Anyway, fair question IMO. Another point I'd like to make... migrating away from this filesystem, disabling secure boot, or leaning into key enrollment would be fine. Dealer's choice.
The 'forced interaction' for enrollment absolutely presents a hurdle. That said: this wouldn't be the first time I've used 'expect' to use the management interface at scale. 200 is a good warm up.
The easy way is to... opt out of secure boot. Get an exception if your compliance program demands it [and tell them about this module, too]. Don't forget your 'Business Continuity/Disaster Recovery' of... everything. Documents, scheduled procedures, tooling, whatever.
Again, though, stability is a fair question/point. Filesystems and storage are cursed. That would be my concern before 'how do I scale', which comparatively, is a dream.
Not going to happen. Secure Boot is a mandatory requirement in this scenario.
I can't talk further because NDA, but sure am confused by the downvotes for asking a question.
I'll hit this post positively in an attempt to counter the down-trend. edit: well, that was for squat.
However, I would like to push back on that article.
It says that bcachefs is "unstable" but provides no evidence to support that.
It says that Linus pushed back on it. Yes, but not for technical reasons but rather process ones. Think about that for a second though. Linus is brutal on technology. And I have never heard him criticize bcachefs technically except to say that case insensitivity is bad. Kind of an endorsement.
Yes, there have been a lot of patches. It is certainly under heavy development. But people are not losing their data. Kent submitted a giant list of changes for the kernel 6.17 merge window (ironically totally on time). Linus never took them. We are all using the 6.16 version of bcachefs without those patches. I imagine stories of bcachefs data loss would get lots of press right now. Have you heard any?
There are very few stories of bcachefs data loss. When I have heard of them, they seems to result in recovery. A couple I have seen were mount failures (not data loss) and were resolved. It has been rock-solid for me.
Meanwhile just scan the thread for btrfs reports...
Where did Linus call bcachefs "experimental garbage"? I've tried finding those comments before, but all I've been able to find are your comments stating that Linus said that
For sure it's a headache when you install some module on a whole bunch of headless boxes at once and then discover you need to roll a crash cart over to each and every one to get them booting again, but the secure boot guys would have it no other way.

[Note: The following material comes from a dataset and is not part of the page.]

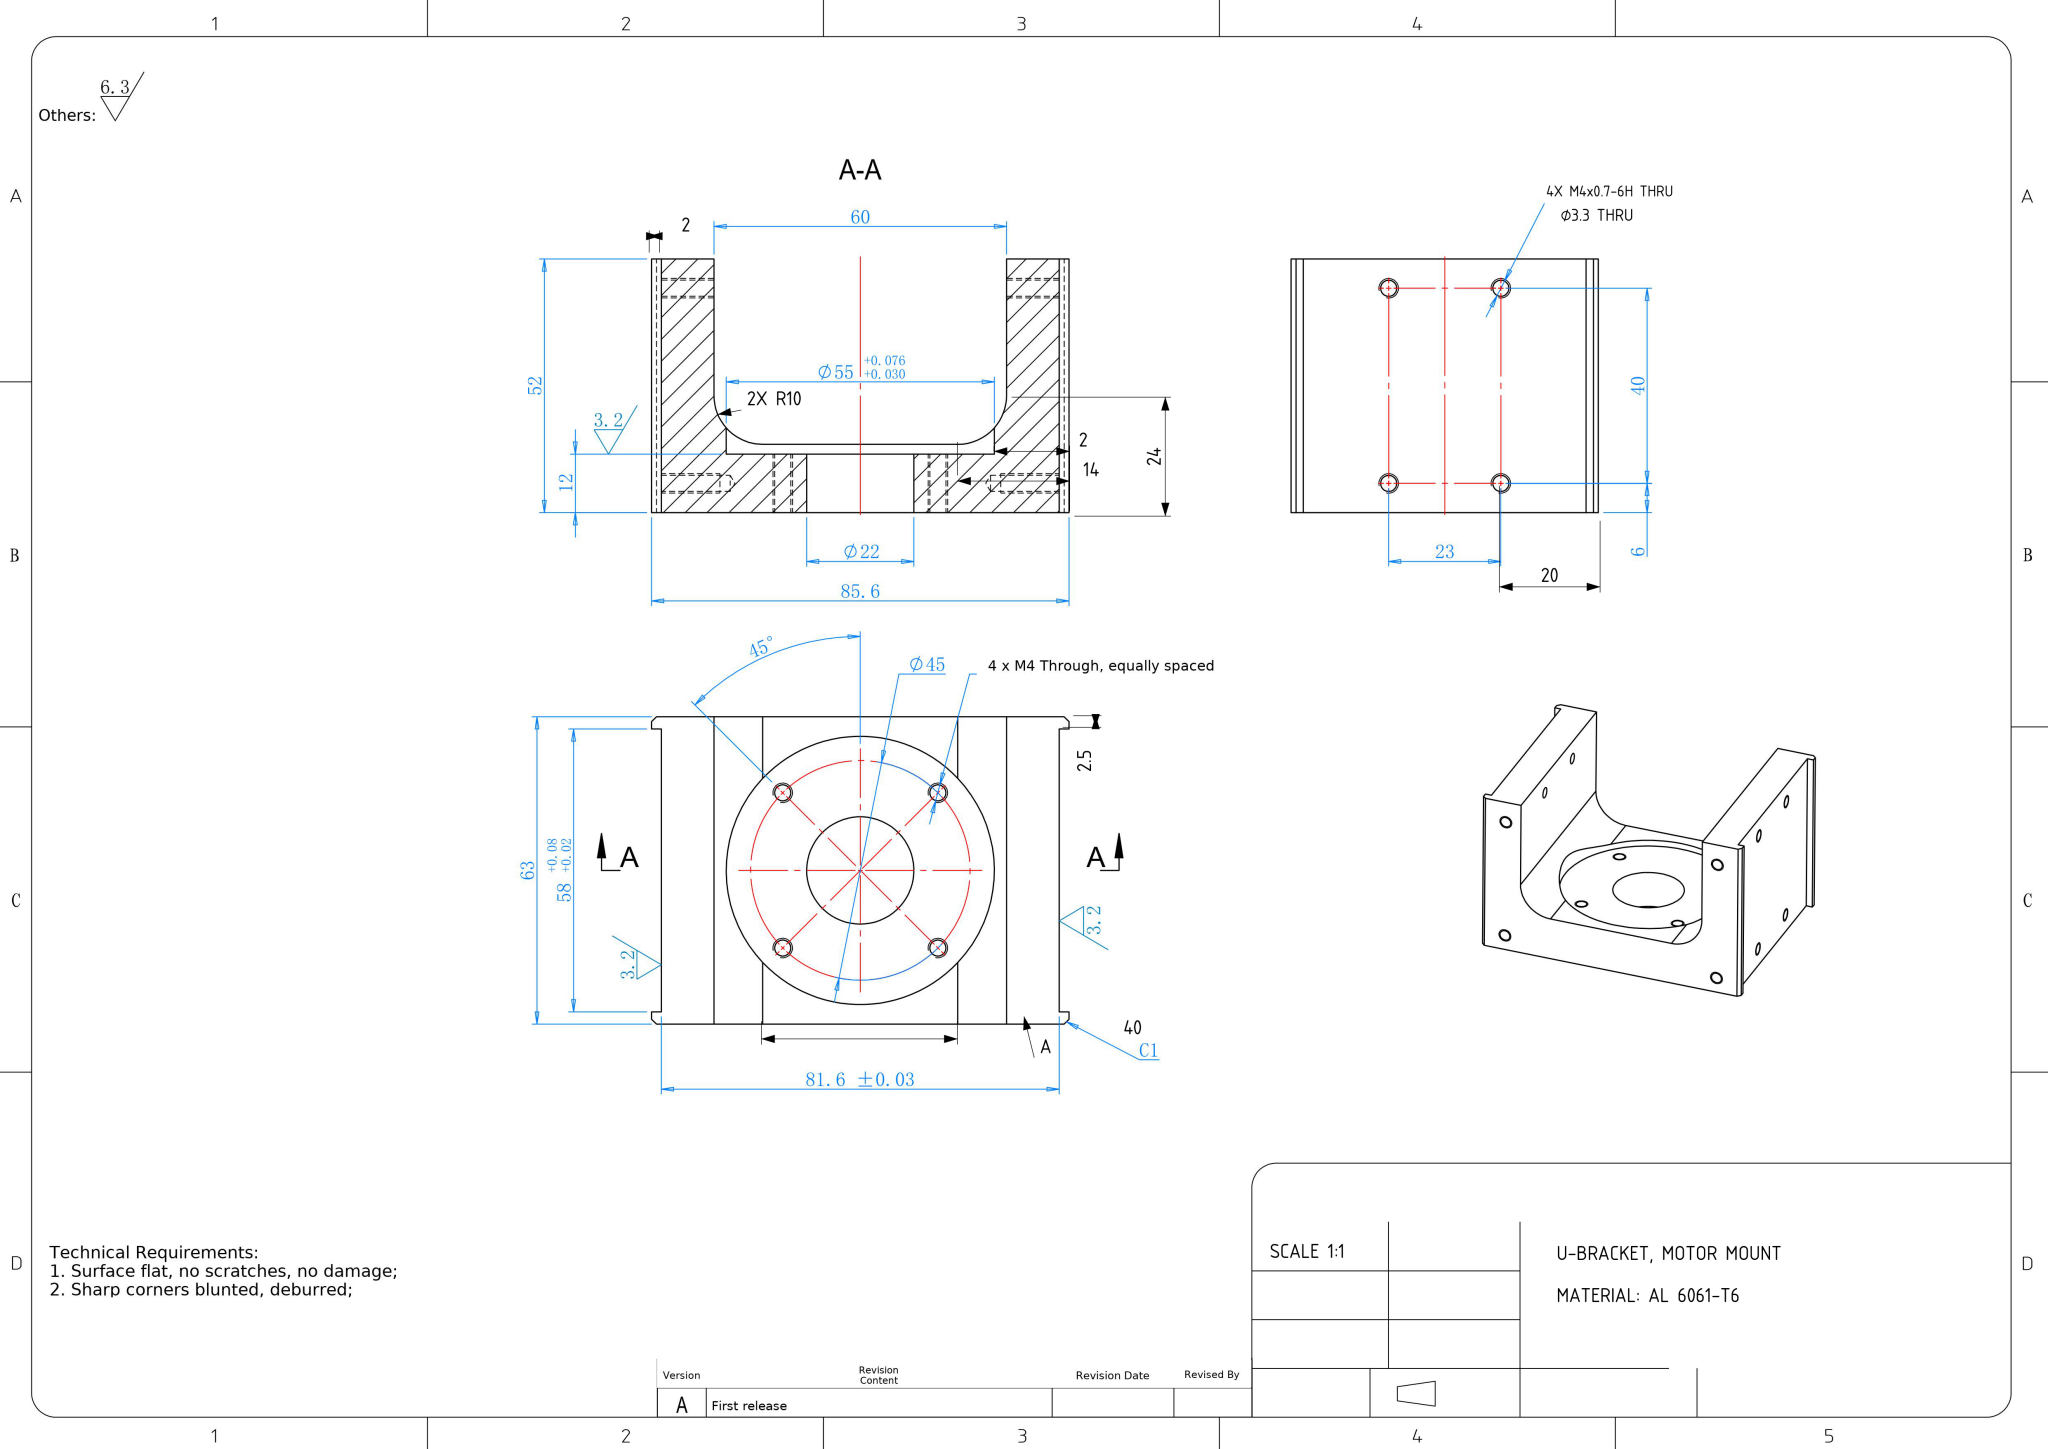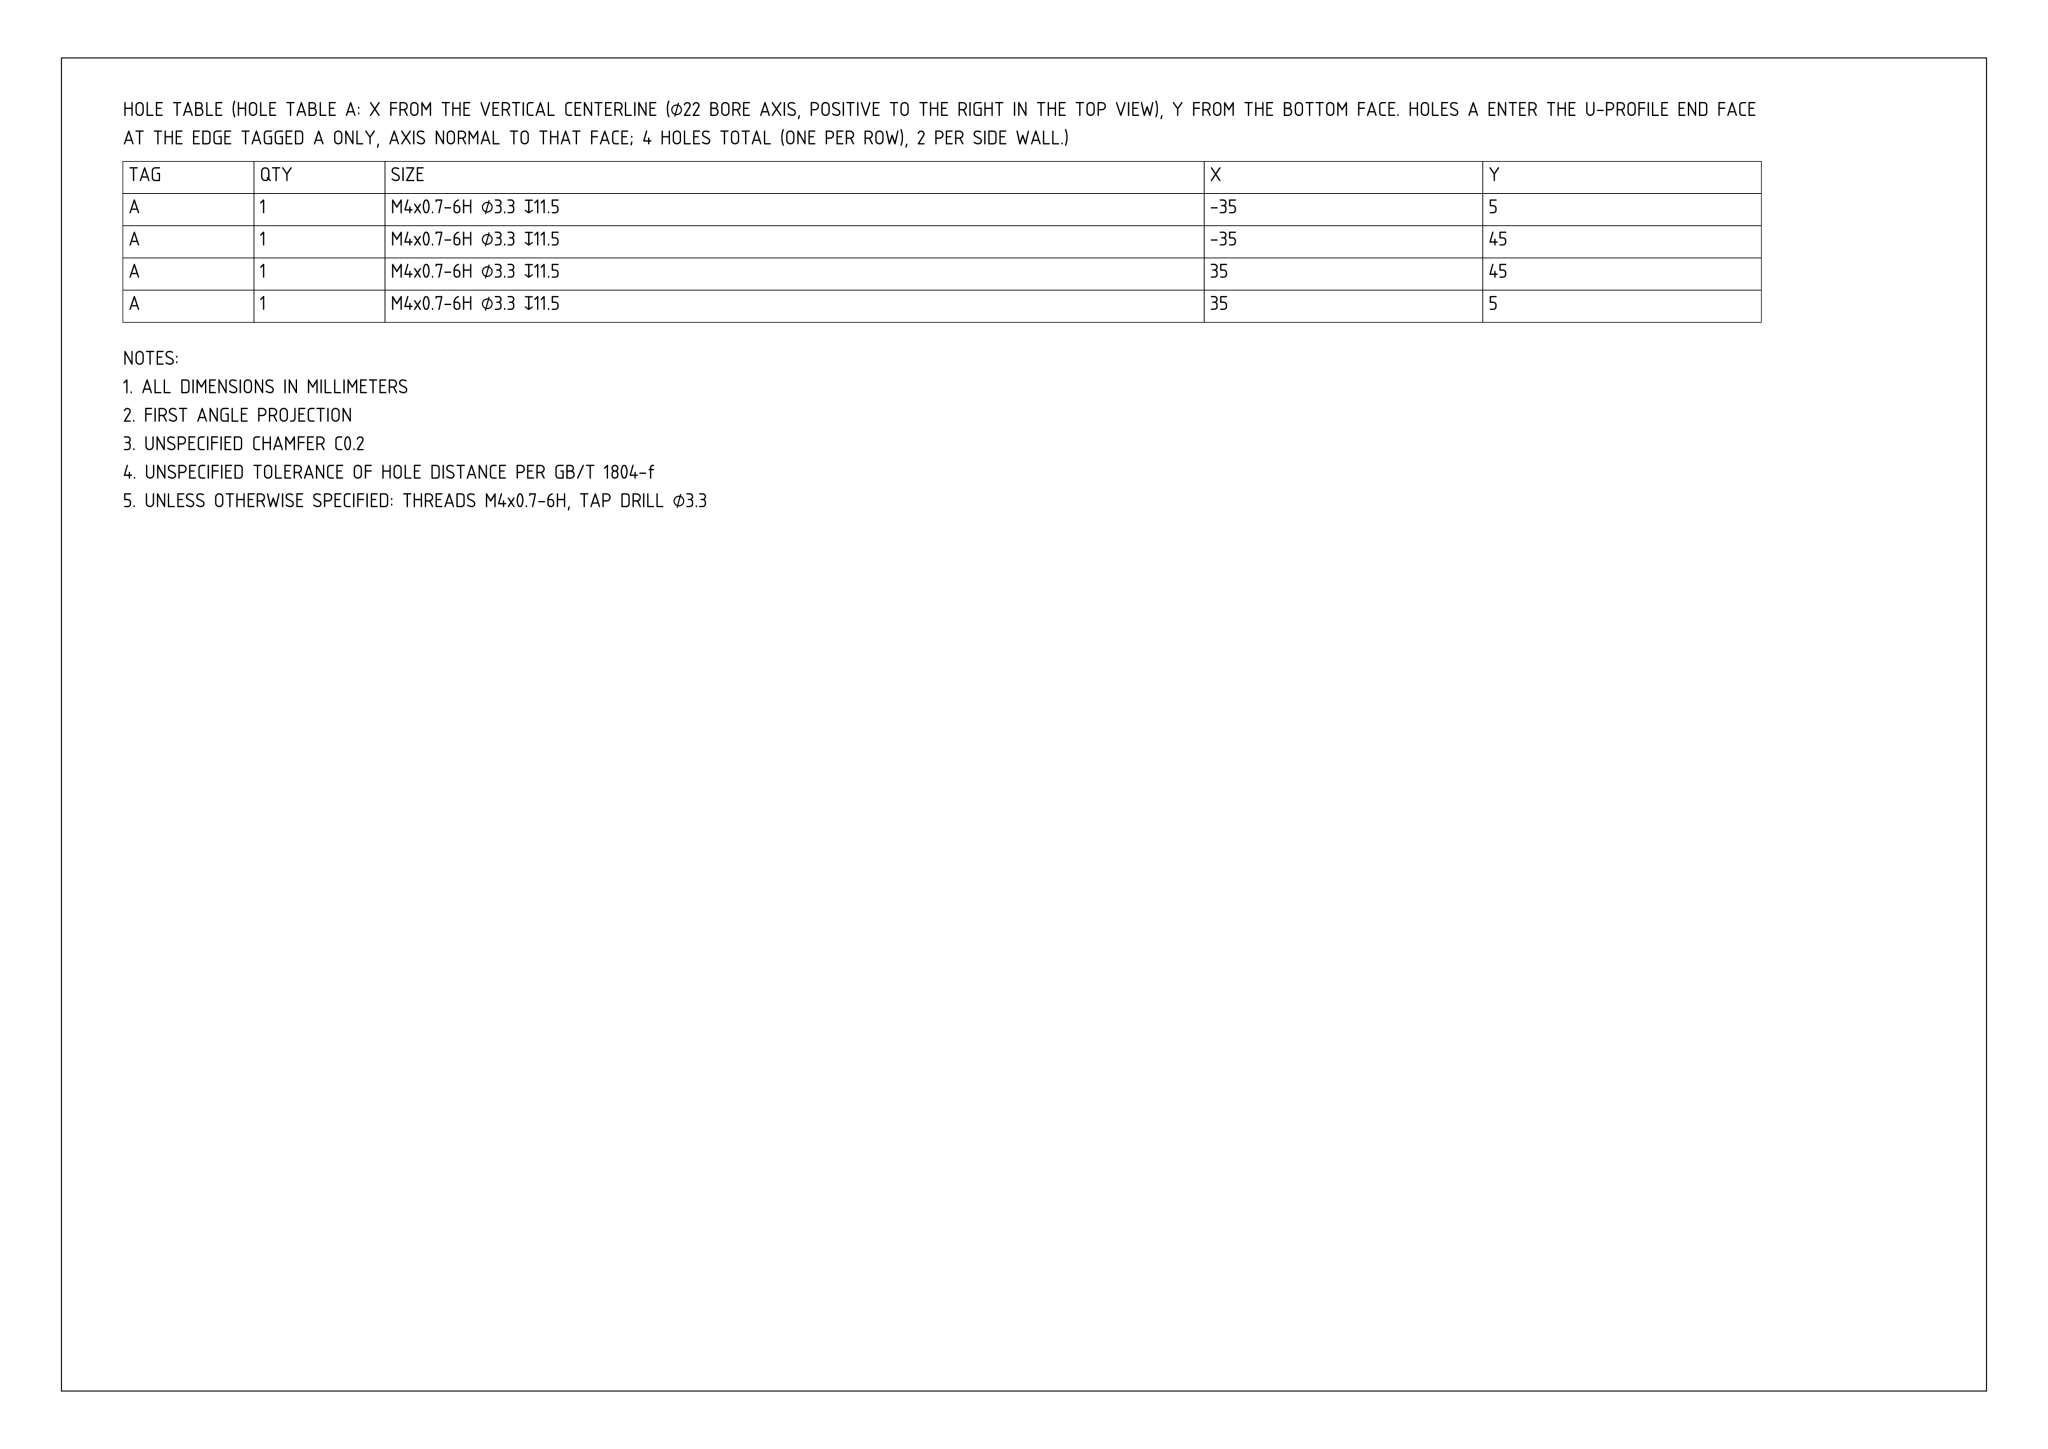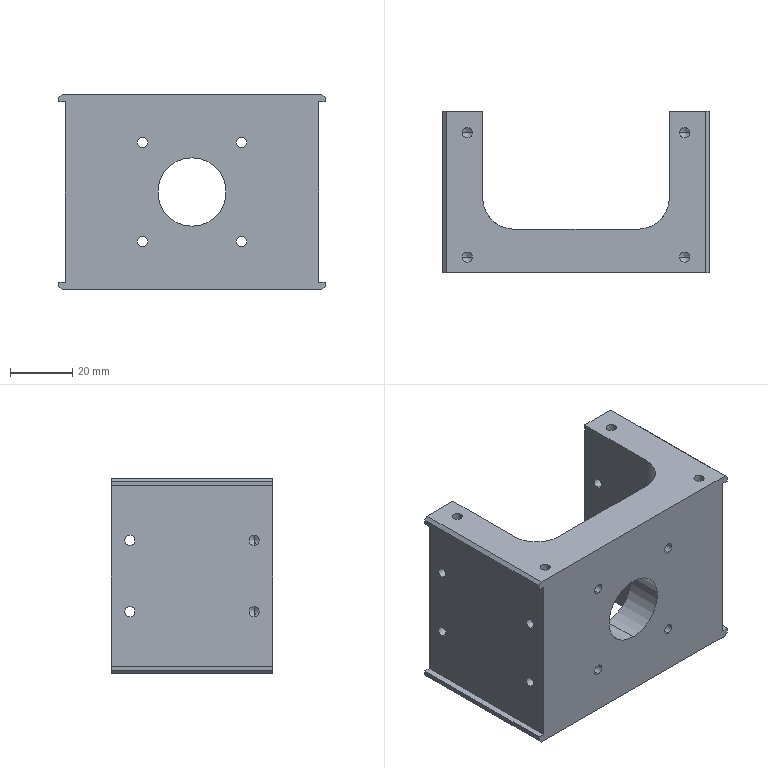Part | NX | mm | U-Notched Cylindrical Bearing Housing | 1 solid | 78 faces | box 85.6 x 52 x 63 mm | volume 116053 mm3 | cylinder 38 | plane 24 | cone 16 | commonest cylinder face diameters 3.3 x32 55 x2 22 x2 20 x2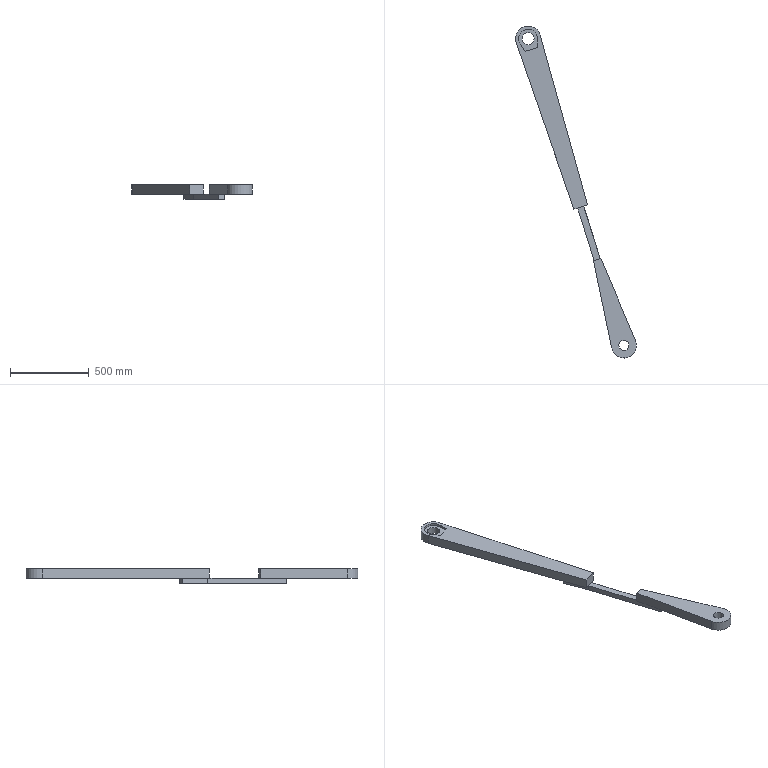Component | NX | TIE_ROD | 1 solid | 26 faces | volume 13544065 mm3 | plane 21 | cylinder 5 | commonest cylinder face diameters 160 x2 76 x1 64 x1 120 x1

I'm not even a bcachefs user, but I use ZFS extensively and I _really_ wanted Linux to get a native, modern COW filesystem that was unencumbered by the crappy corporate baggage that ZFS has.
In the comments on HN around any bcachefs news (including this one) there are always a couple throwaway accounts bleating the same arguments - sounding like the victim - that Kent frequently uses.
To Kent, if you're reading this:
From a long time (and now former) sponsor: if these posts are actually from you, please stop.
Also, it's time for introspection and to think how you could have handled this situation better, to avoid having disappointed those who have sponsored you financially for years. Yes, there are some difficult and flawed people maintaining the kernel, not least of which Linus himself, but you knew that when you started.
I hope bcachefs will have a bright future, but the ball is very clearly in your court. This is your problem to fix.
(I'm Daniel Wilson, subscription started 9th August 2018, last payment 1st Feb 2025)
Seems to tick all of the boxes in regard to what you're looking for, and its mature enough that major linux distros are shipping with it as the default filesystem.
Your statement is misleading. No one is using btrfs on servers. Debian and Ubuntu use ext4 by default. RHEL removed support for btrfs long ago, and it's not coming back:
> Red Hat will not be moving Btrfs to a fully supported feature. It was fully removed in Red Hat Enterprise Linux 8.
https://philip.greenspun.com/blog/2024/02/29/why-is-the-btrf...
> We had a few seconds of power loss the other day. Everything in the house, including a Windows machine using NTFS, came back to life without any issues. A Synology DS720+, however, became a useless brick, claiming to have suffered unrecoverable file system damage while the underlying two hard drives and two SSDs are in perfect condition. It’s two mirrored drives using the Btrfs file system
I am hoping we will get ZFS from Ubnt NAS via update.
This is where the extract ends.